Далее этот автор приводит примеры родственных значений слов младописьменных народов «делатель» и «шаман». Оба борются с хаосом и укрепляют космическую организацию, твердое, устойчивое место, на котором пребывают боги. Подобно слову-посреднику, связывающему небо и землю, вдохновение и умение, творец слова также выступает как посредник, преобразующий божественное в человеческое и возводящий человеческое на уровень божественного. «И то и другое как раз и помогает поэту создать образ мира, в слове явленный... И поэт, и жрец воспроизводят, повторяют в своем творчестве то, что некогда... «в первый раз» сделал демиург. Общество насущно нуждается и в том, и в другом, так как с их помощью преодолеваются энтропийные (курсив наш. – В.Б.) тенденции, элементы хаоса изгоняются или перерабатываются, мир космизируется вновь и вновь, обеспечивая процветание, богатство, продолжение в потомстве». (В.Н. Топоров, там же, с. 220).
Ценные для теории массовой коммуникации мысли высказывает Ю.М. Лотман (также относительно создания художественных текстов). Он пишет, что многослойный и семиотически неоднородный текст, способный вступать в сложные отношения как с окружающим культурным контекстом, так и с читательской аудиторией, перестает быть элементарным сообщением, направленным от адресанта к адресату. Обнаруживается способность конденсировать информацию. Текст приобретает память. Одновременно он обнаруживает качество, которое Гераклит определил как «самовозрастающий логос».
На такой стадии структурного усложнения текст обнаруживает свойства интеллектуального устройства: он не только передает вложенную в него извне информацию, но и трансформирует сообщения и вырабатывает новые.
В этих условиях социально-коммуникативная функция текста значительно усложняется. Ее можно свести к следующим процессам:
1. Общение между адресантом и адресатом.
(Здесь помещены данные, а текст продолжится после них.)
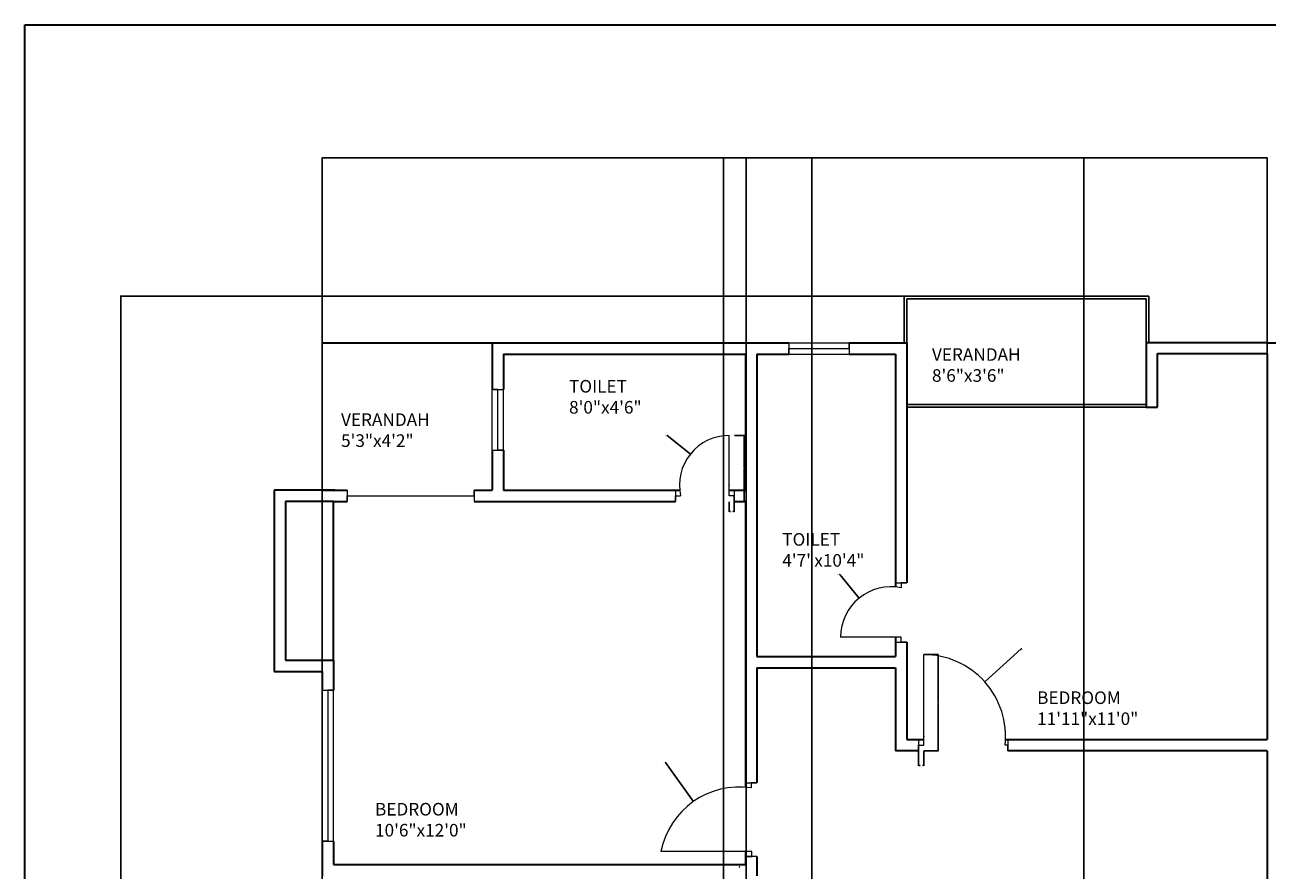
# Model space of a CAD drawing. Units: inches. Extents: x 2154 to 3131, y 1384 to 2688.
# Tile 3 of 5: x 2154 to 2647, y 2353 to 2688. Entities that reach past the tile are written whole.
import ezdxf

# ---------------------------------------------------------------- set-up
doc = ezdxf.new("R2010")
doc.units = ezdxf.units.IN
for name, color, linetype, lineweight in [('A-ANNO-DIMS', 2, 'Continuous', 18), ('A-ANNO-TTLB', 7, 'Continuous', 35), ('A-AREA-IDEN', 7, 'Continuous', 18), ('A-DOOR', 31, 'Continuous', 18), ('A-FLOR-BALC', 130, 'Continuous', 25), ('A-GLAZ', 130, 'Continuous', 18), ('A-WALL', 7, 'Continuous', 35)]:
    doc.layers.add(name, color=color, linetype=linetype, lineweight=lineweight)
doc.styles.get("Standard").update_dxf_attribs({"font": 'arial.ttf'})
doc.dimstyles.get("Standard").update_dxf_attribs({"dimtxt": 0.18, "dimasz": 0.18, "dimexe": 0.18, "dimexo": 0.0625, "dimgap": 0.09, "dimtad": 0, "dimtih": 1, "dimtoh": 1, "dimdec": 4, "dimzin": 0, "dimdsep": 46, "dimtxsty": 'Standard', "dimcen": 0.09, "dimadec": 0, "dimazin": 0, "dimtfac": 1, "dimtdec": 4, "dimtofl": 0, "dimtmove": 0, "dimatfit": 3, "dimfxl": 1, "dimtolj": 1, "dimtzin": 0, "dimarcsym": 0})

# ---------------------------------------------------------------- blocks, each defined once
blk = doc.blocks.new('DOOR-LEAF-24-JAMB-A')
for p, q in [((0, 2.25), (0, 26.25)), ((2, 2.25), (0, 2.25)), ((2, 4.5), (2, 0)), ((2, 0), (2, 2.25))]:
    blk.add_line(p, q)
blk = doc.blocks.new('DOOR-LEAF-36-JAMB-A')
for p, q in [((2, 2.25), (2, 38.25)), ((0, 4.5), (0, 0)), ((0, 0), (0, 2.25)), ((0, 2.25), (2, 2.25))]:
    blk.add_line(p, q)
blk = doc.blocks.new('WIN-24-FRAME-A')
for p, q in [((0, 4.5), (0, 0)), ((0, 4.5), (24, 4.5)), ((0, 0), (0, 2.25)), ((0, 2.25), (24, 2.25)), ((0, 0), (24, 0)), ((24, 2.25), (24, 4.5)), ((24, 4.5), (24, 0))]:
    blk.add_line(p, q)
blk = doc.blocks.new('WIN-60')
for p, q in [((2.25, 60), (0, 60)), ((0, 60), (4.5, 60)), ((0, 60), (0, 0)), ((2.25, 0), (2.25, 60)), ((4.5, 60), (4.5, 0)), ((0, 0), (4.5, 0)), ((4.5, 0), (2.25, 0))]:
    blk.add_line(p, q)
blk = doc.blocks.new('*D8')
at = {"layer": 'A-ANNO-DIMS', "color": 0, "lineweight": -2, "transparency": 16777216}
for p, q in [((2435.74, 2525.43), (2439.8, 2525.43)), ((2439.62, 2525.25), (2439.62, 2512.48)), ((2439.62, 2499.36), (2439.62, 2512.12)), ((2435.74, 2499.18), (2439.8, 2499.18))]:
    blk.add_line(p, q, dxfattribs=at)
at = {"layer": 'A-ANNO-DIMS', "color": 0, "transparency": 16777216}
for points in [[(2439.59, 2525.25), (2439.65, 2525.25), (2439.62, 2525.43)], [(2439.59, 2499.36), (2439.65, 2499.36), (2439.62, 2499.18)]]:
    blk.add_solid(points, dxfattribs=at)
at = {"layer": 'Defpoints', "color": 0, "transparency": 16777216}
for p in [(2435.68, 2525.43), (2439.62, 2525.43), (2435.68, 2499.18)]:
    blk.add_point(p, dxfattribs=at)
at = {"layer": 'A-ANNO-DIMS', "color": 0, "transparency": 16777216, "insert": (2439.62, 2512.3), "char_height": 0.18, "attachment_point": 5}
blk.add_mtext('\\A1;D1 26 TYP.', dxfattribs=at)
blk = doc.blocks.new('*D9')
at = {"layer": 'A-ANNO-DIMS', "color": 0, "lineweight": -2, "transparency": 16777216}
for p, q in [((2433.68, 2499.11), (2433.68, 2495.06)), ((2433.86, 2495.24), (2434.22, 2495.24)), ((2435.5, 2495.24), (2435.14, 2495.24)), ((2435.68, 2499.11), (2435.68, 2495.06))]:
    blk.add_line(p, q, dxfattribs=at)
at = {"layer": 'A-ANNO-DIMS', "color": 0, "transparency": 16777216}
for points in [[(2433.86, 2495.27), (2433.86, 2495.21), (2433.68, 2495.24)], [(2435.5, 2495.27), (2435.5, 2495.21), (2435.68, 2495.24)]]:
    blk.add_solid(points, dxfattribs=at)
at = {"layer": 'Defpoints', "color": 0, "transparency": 16777216}
for p in [(2433.68, 2499.18), (2435.68, 2499.18), (2435.68, 2495.24)]:
    blk.add_point(p, dxfattribs=at)
at = {"layer": 'A-ANNO-DIMS', "color": 0, "transparency": 16777216, "insert": (2434.68, 2495.24), "char_height": 0.18, "attachment_point": 5}
blk.add_mtext('\\A1;2 TYP.', dxfattribs=at)
blk = doc.blocks.new('*D12')
at = {"layer": 'A-ANNO-DIMS', "color": 0, "lineweight": -2, "transparency": 16777216}
for p, q in [((2510.94, 2438.43), (2516.79, 2438.43)), ((2516.61, 2438.25), (2516.61, 2419.48)), ((2516.61, 2400.36), (2516.61, 2419.12)), ((2510.94, 2400.18), (2516.79, 2400.18))]:
    blk.add_line(p, q, dxfattribs=at)
at = {"layer": 'A-ANNO-DIMS', "color": 0, "transparency": 16777216}
for points in [[(2516.58, 2438.25), (2516.64, 2438.25), (2516.61, 2438.43)], [(2516.58, 2400.36), (2516.64, 2400.36), (2516.61, 2400.18)]]:
    blk.add_solid(points, dxfattribs=at)
at = {"layer": 'Defpoints', "color": 0, "transparency": 16777216}
for p in [(2510.87, 2438.43), (2516.61, 2438.43), (2510.87, 2400.18)]:
    blk.add_point(p, dxfattribs=at)
at = {"layer": 'A-ANNO-DIMS', "color": 0, "transparency": 16777216, "insert": (2516.61, 2419.3), "char_height": 0.18, "attachment_point": 5}
blk.add_mtext('\\A1;D3 38 TYP.', dxfattribs=at)
blk = doc.blocks.new('*D13')
at = {"layer": 'A-ANNO-DIMS', "color": 0, "lineweight": -2, "transparency": 16777216}
for p, q in [((2508.87, 2400.11), (2508.87, 2394.26)), ((2510.87, 2400.11), (2510.87, 2394.26)), ((2509.05, 2394.44), (2509.41, 2394.44)), ((2510.69, 2394.44), (2510.33, 2394.44))]:
    blk.add_line(p, q, dxfattribs=at)
at = {"layer": 'A-ANNO-DIMS', "color": 0, "transparency": 16777216}
for points in [[(2509.05, 2394.47), (2509.05, 2394.41), (2508.87, 2394.44)], [(2510.69, 2394.47), (2510.69, 2394.41), (2510.87, 2394.44)]]:
    blk.add_solid(points, dxfattribs=at)
at = {"layer": 'Defpoints', "color": 0, "transparency": 16777216}
for p in [(2508.87, 2400.18), (2510.87, 2400.18), (2510.87, 2394.44)]:
    blk.add_point(p, dxfattribs=at)
at = {"layer": 'A-ANNO-DIMS', "color": 0, "transparency": 16777216, "insert": (2509.87, 2394.44), "char_height": 0.18, "attachment_point": 5}
blk.add_mtext('\\A1;2 TYP.', dxfattribs=at)
blk = doc.blocks.new('*D23')
at = {"layer": 'A-ANNO-DIMS', "color": 0, "lineweight": -2, "transparency": 16777216}
for p, q in [((2504.09, 2580.68), (2192.08, 2580.68)), ((2192.26, 2580.5), (2192.26, 2091.11)), ((2192.26, 1601.36), (2192.26, 2090.74)), ((2504.09, 1601.18), (2192.08, 1601.18))]:
    blk.add_line(p, q, dxfattribs=at)
at = {"layer": 'A-ANNO-DIMS', "color": 0, "transparency": 16777216}
for points in [[(2192.23, 2580.5), (2192.29, 2580.5), (2192.26, 2580.68)], [(2192.23, 1601.36), (2192.29, 1601.36), (2192.26, 1601.18)]]:
    blk.add_solid(points, dxfattribs=at)
at = {"layer": 'Defpoints', "color": 0, "transparency": 16777216}
for p in [(2192.26, 2580.68), (2504.16, 2580.68), (2504.16, 1601.18)]:
    blk.add_point(p, dxfattribs=at)
at = {"layer": 'A-ANNO-DIMS', "color": 0, "transparency": 16777216, "insert": (2192.26, 2090.93), "char_height": 0.18, "attachment_point": 5}
blk.add_mtext('\\A1;979.5', dxfattribs=at)
blk = doc.blocks.new('*D24')
at = {"layer": 'A-ANNO-DIMS', "color": 0, "lineweight": -2, "transparency": 16777216}
for p, q in [((2272.16, 2562.24), (2272.16, 2635.76)), ((2272.34, 2635.58), (2459.37, 2635.58)), ((2646.98, 2635.58), (2459.95, 2635.58)), ((2647.16, 2557.97), (2647.16, 2635.76))]:
    blk.add_line(p, q, dxfattribs=at)
at = {"layer": 'A-ANNO-DIMS', "color": 0, "transparency": 16777216}
for points in [[(2272.34, 2635.61), (2272.34, 2635.55), (2272.16, 2635.58)], [(2646.98, 2635.61), (2646.98, 2635.55), (2647.16, 2635.58)]]:
    blk.add_solid(points, dxfattribs=at)
at = {"layer": 'Defpoints', "color": 0, "transparency": 16777216}
for p in [(2647.16, 2635.58), (2272.16, 2562.18), (2647.16, 2557.91)]:
    blk.add_point(p, dxfattribs=at)
at = {"layer": 'A-ANNO-DIMS', "color": 0, "transparency": 16777216, "insert": (2459.66, 2635.58), "char_height": 0.18, "attachment_point": 5}
blk.add_mtext('\\A1;375', dxfattribs=at)
blk = doc.blocks.new('*D26')
at = {"layer": 'A-ANNO-DIMS', "color": 0, "lineweight": -2, "transparency": 16777216}
for p, q in [((2272.16, 2041.74), (2272.16, 2635.76)), ((2272.34, 2635.58), (2351.32, 2635.58)), ((2431.22, 2635.58), (2352.24, 2635.58)), ((2431.4, 2041.74), (2431.4, 2635.76))]:
    blk.add_line(p, q, dxfattribs=at)
at = {"layer": 'A-ANNO-DIMS', "color": 0, "transparency": 16777216}
for points in [[(2272.34, 2635.61), (2272.34, 2635.55), (2272.16, 2635.58)], [(2431.22, 2635.61), (2431.22, 2635.55), (2431.4, 2635.58)]]:
    blk.add_solid(points, dxfattribs=at)
at = {"layer": 'Defpoints', "color": 0, "transparency": 16777216}
for p in [(2431.4, 2635.58), (2272.16, 2041.68), (2431.4, 2041.68)]:
    blk.add_point(p, dxfattribs=at)
at = {"layer": 'A-ANNO-DIMS', "color": 0, "transparency": 16777216, "insert": (2351.78, 2635.58), "char_height": 0.18, "attachment_point": 5}
blk.add_mtext('\\A1;159.25', dxfattribs=at)
blk = doc.blocks.new('*D28')
at = {"layer": 'A-ANNO-DIMS', "color": 0, "lineweight": -2, "transparency": 16777216}
for p, q in [((2466.46, 2137.74), (2466.46, 2635.76)), ((2466.64, 2635.58), (2520.18, 2635.58)), ((2574.28, 2635.58), (2520.74, 2635.58)), ((2574.46, 2137.74), (2574.46, 2635.76))]:
    blk.add_line(p, q, dxfattribs=at)
at = {"layer": 'A-ANNO-DIMS', "color": 0, "transparency": 16777216}
for points in [[(2466.64, 2635.61), (2466.64, 2635.55), (2466.46, 2635.58)], [(2574.28, 2635.61), (2574.28, 2635.55), (2574.46, 2635.58)]]:
    blk.add_solid(points, dxfattribs=at)
at = {"layer": 'Defpoints', "color": 0, "transparency": 16777216}
for p in [(2574.46, 2635.58), (2466.46, 2137.68), (2574.46, 2137.68)]:
    blk.add_point(p, dxfattribs=at)
at = {"layer": 'A-ANNO-DIMS', "color": 0, "transparency": 16777216, "insert": (2520.46, 2635.58), "char_height": 0.18, "attachment_point": 5}
blk.add_mtext('\\A1;108', dxfattribs=at)
blk = doc.blocks.new('*D29')
at = {"layer": 'A-ANNO-DIMS', "color": 0, "lineweight": -2, "transparency": 16777216}
for p, q in [((2440.4, 2137.74), (2440.4, 2635.76)), ((2440.58, 2635.58), (2453.04, 2635.58)), ((2466.28, 2635.58), (2453.83, 2635.58)), ((2466.46, 2137.74), (2466.46, 2635.76))]:
    blk.add_line(p, q, dxfattribs=at)
at = {"layer": 'A-ANNO-DIMS', "color": 0, "transparency": 16777216}
for points in [[(2440.58, 2635.61), (2440.58, 2635.55), (2440.4, 2635.58)], [(2466.28, 2635.61), (2466.28, 2635.55), (2466.46, 2635.58)]]:
    blk.add_solid(points, dxfattribs=at)
at = {"layer": 'Defpoints', "color": 0, "transparency": 16777216}
for p in [(2466.46, 2635.58), (2440.4, 2137.68), (2466.46, 2137.68)]:
    blk.add_point(p, dxfattribs=at)
at = {"layer": 'A-ANNO-DIMS', "color": 0, "transparency": 16777216, "insert": (2453.43, 2635.58), "char_height": 0.18, "attachment_point": 5}
blk.add_mtext('\\A1;26.06', dxfattribs=at)
blk = doc.blocks.new('*D36')
at = {"layer": 'A-ANNO-DIMS', "color": 0, "lineweight": -2, "transparency": 16777216}
for p, q in [((2549.58, 2440.67), (2535.2, 2427.76)), ((2549.76, 2440.67), (2549.58, 2440.67)), ((2510.78, 2405.91), (2510.96, 2405.91)), ((2510.87, 2405.82), (2510.87, 2406))]:
    blk.add_line(p, q, dxfattribs=at)
at = {"layer": 'A-ANNO-DIMS', "color": 0, "transparency": 16777216}
blk.add_solid([(2535.18, 2427.78), (2535.22, 2427.73), (2535.06, 2427.64)], dxfattribs=at)
at = {"layer": 'Defpoints', "color": 0, "transparency": 16777216}
for p in [(2535.06, 2427.64), (2510.87, 2405.91)]:
    blk.add_point(p, dxfattribs=at)
at = {"layer": 'A-ANNO-DIMS', "color": 0, "transparency": 16777216, "insert": (2550.22, 2440.67), "char_height": 0.18, "attachment_point": 5}
blk.add_mtext('\\A1;R32.51', dxfattribs=at)
blk = doc.blocks.new('*D38')
at = {"layer": 'A-ANNO-DIMS', "color": 0, "lineweight": -2, "transparency": 16777216}
for p, q in [((2408.28, 2395.61), (2408.46, 2395.61)), ((2408.46, 2395.61), (2419.35, 2380.21)), ((2437.67, 2354.15), (2437.85, 2354.15)), ((2437.76, 2354.06), (2437.76, 2354.24))]:
    blk.add_line(p, q, dxfattribs=at)
at = {"layer": 'A-ANNO-DIMS', "color": 0, "transparency": 16777216}
blk.add_solid([(2419.37, 2380.23), (2419.32, 2380.19), (2419.45, 2380.06)], dxfattribs=at)
at = {"layer": 'Defpoints', "color": 0, "transparency": 16777216}
for p in [(2419.45, 2380.06), (2437.76, 2354.15)]:
    blk.add_point(p, dxfattribs=at)
at = {"layer": 'A-ANNO-DIMS', "color": 0, "transparency": 16777216, "insert": (2407.8, 2395.61), "char_height": 0.18, "attachment_point": 5}
blk.add_mtext('\\A1;R31.73', dxfattribs=at)
blk = doc.blocks.new('*D55')
at = {"layer": 'A-ANNO-DIMS', "color": 0, "lineweight": -2, "transparency": 16777216}
for p, q in [((2477.47, 2470.16), (2477.65, 2470.16)), ((2477.65, 2470.16), (2485.14, 2461)), ((2497.83, 2445.36), (2498.01, 2445.36)), ((2497.92, 2445.27), (2497.92, 2445.45))]:
    blk.add_line(p, q, dxfattribs=at)
at = {"layer": 'A-ANNO-DIMS', "color": 0, "transparency": 16777216}
blk.add_solid([(2485.16, 2461.02), (2485.12, 2460.98), (2485.26, 2460.86)], dxfattribs=at)
at = {"layer": 'Defpoints', "color": 0, "transparency": 16777216}
for p in [(2485.26, 2460.86), (2497.92, 2445.36)]:
    blk.add_point(p, dxfattribs=at)
at = {"layer": 'A-ANNO-DIMS', "color": 0, "transparency": 16777216, "insert": (2476.92, 2470.16), "char_height": 0.18, "attachment_point": 5}
blk.add_mtext('\\A1;R20.016', dxfattribs=at)
blk = doc.blocks.new('*D56')
at = {"layer": 'A-ANNO-DIMS', "color": 0, "lineweight": -2, "transparency": 16777216}
for p, q in [((2408.88, 2525.45), (2409.06, 2525.45)), ((2409.06, 2525.45), (2418.15, 2518.16)), ((2433.59, 2505.7), (2433.77, 2505.7)), ((2433.68, 2505.61), (2433.68, 2505.79))]:
    blk.add_line(p, q, dxfattribs=at)
at = {"layer": 'A-ANNO-DIMS', "color": 0, "transparency": 16777216}
blk.add_solid([(2418.17, 2518.18), (2418.13, 2518.14), (2418.29, 2518.05)], dxfattribs=at)
at = {"layer": 'Defpoints', "color": 0, "transparency": 16777216}
for p in [(2418.29, 2518.05), (2433.68, 2505.7)]:
    blk.add_point(p, dxfattribs=at)
at = {"layer": 'A-ANNO-DIMS', "color": 0, "transparency": 16777216, "insert": (2408.33, 2525.45), "char_height": 0.18, "attachment_point": 5}
blk.add_mtext('\\A1;R19.728', dxfattribs=at)

msp = doc.modelspace()

# ---------------------------------------------------------------- linework, layer by layer
at = {"layer": 'A-ANNO-TTLB'}
msp.add_lwpolyline([(2154.1953, 2688.4009), (3131.1627, 2688.4009), (3131.1627, 1383.7377), (2154.1953, 1383.7377)], close=True, dxfattribs=at)
at = {"layer": 'A-DOOR'}
for p, q in [((2412.4197, 2503.6767), (2412.4197, 2503.6767)), ((2412.4197, 2503.6767), (2412.4197, 2503.6767)), ((2412.4197, 2503.6767), (2412.4197, 2499.1767)), ((2412.4197, 2499.1767), (2412.4197, 2501.4267)), ((2412.4197, 2501.4267), (2414.4197, 2501.4267)), ((2499.656, 2466.9787), (2504.156, 2466.9787)), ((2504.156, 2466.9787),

Текст выполняет функцию сообщения, направленного от носителя информации к аудитории.
2. Общение между аудиторией и культурной традицией. Текст выполняет функцию культурной памяти. В этом качестве он способен непрерывно обновляться, а также задействовать одни аспекты информации и временно не использовать, или «забывать» другие.
3. Общение читателя с самим собою. В этом случае текст выступает в роли медиатора, помогающего перестройке и воспитанию личности самого адресата.
4. Общение читателя с текстом. Высокоорганизованный текст становится равноправным собеседником адресата (это то, о чем писал М.М. Бахтин. – В.Б.).
5. Общение между текстом и культурным контекстом. Здесь текст выступает не как агент коммуникативного акта, а в качестве его полноправного участника, как источник или получатель информации. В этих процессах текст может «перекодировать» самого себя, актуализировать скрытые аспекты своей кодирующей системы.
«В свете сказанного текст предстает перед нами не как реализация сообщения на каком-либо одном языке, а как сложное устройство, хранящее многообразные коды, способное трансформировать получаемые сообщения и порождать новые (Лотман, 1998, с. 204–205).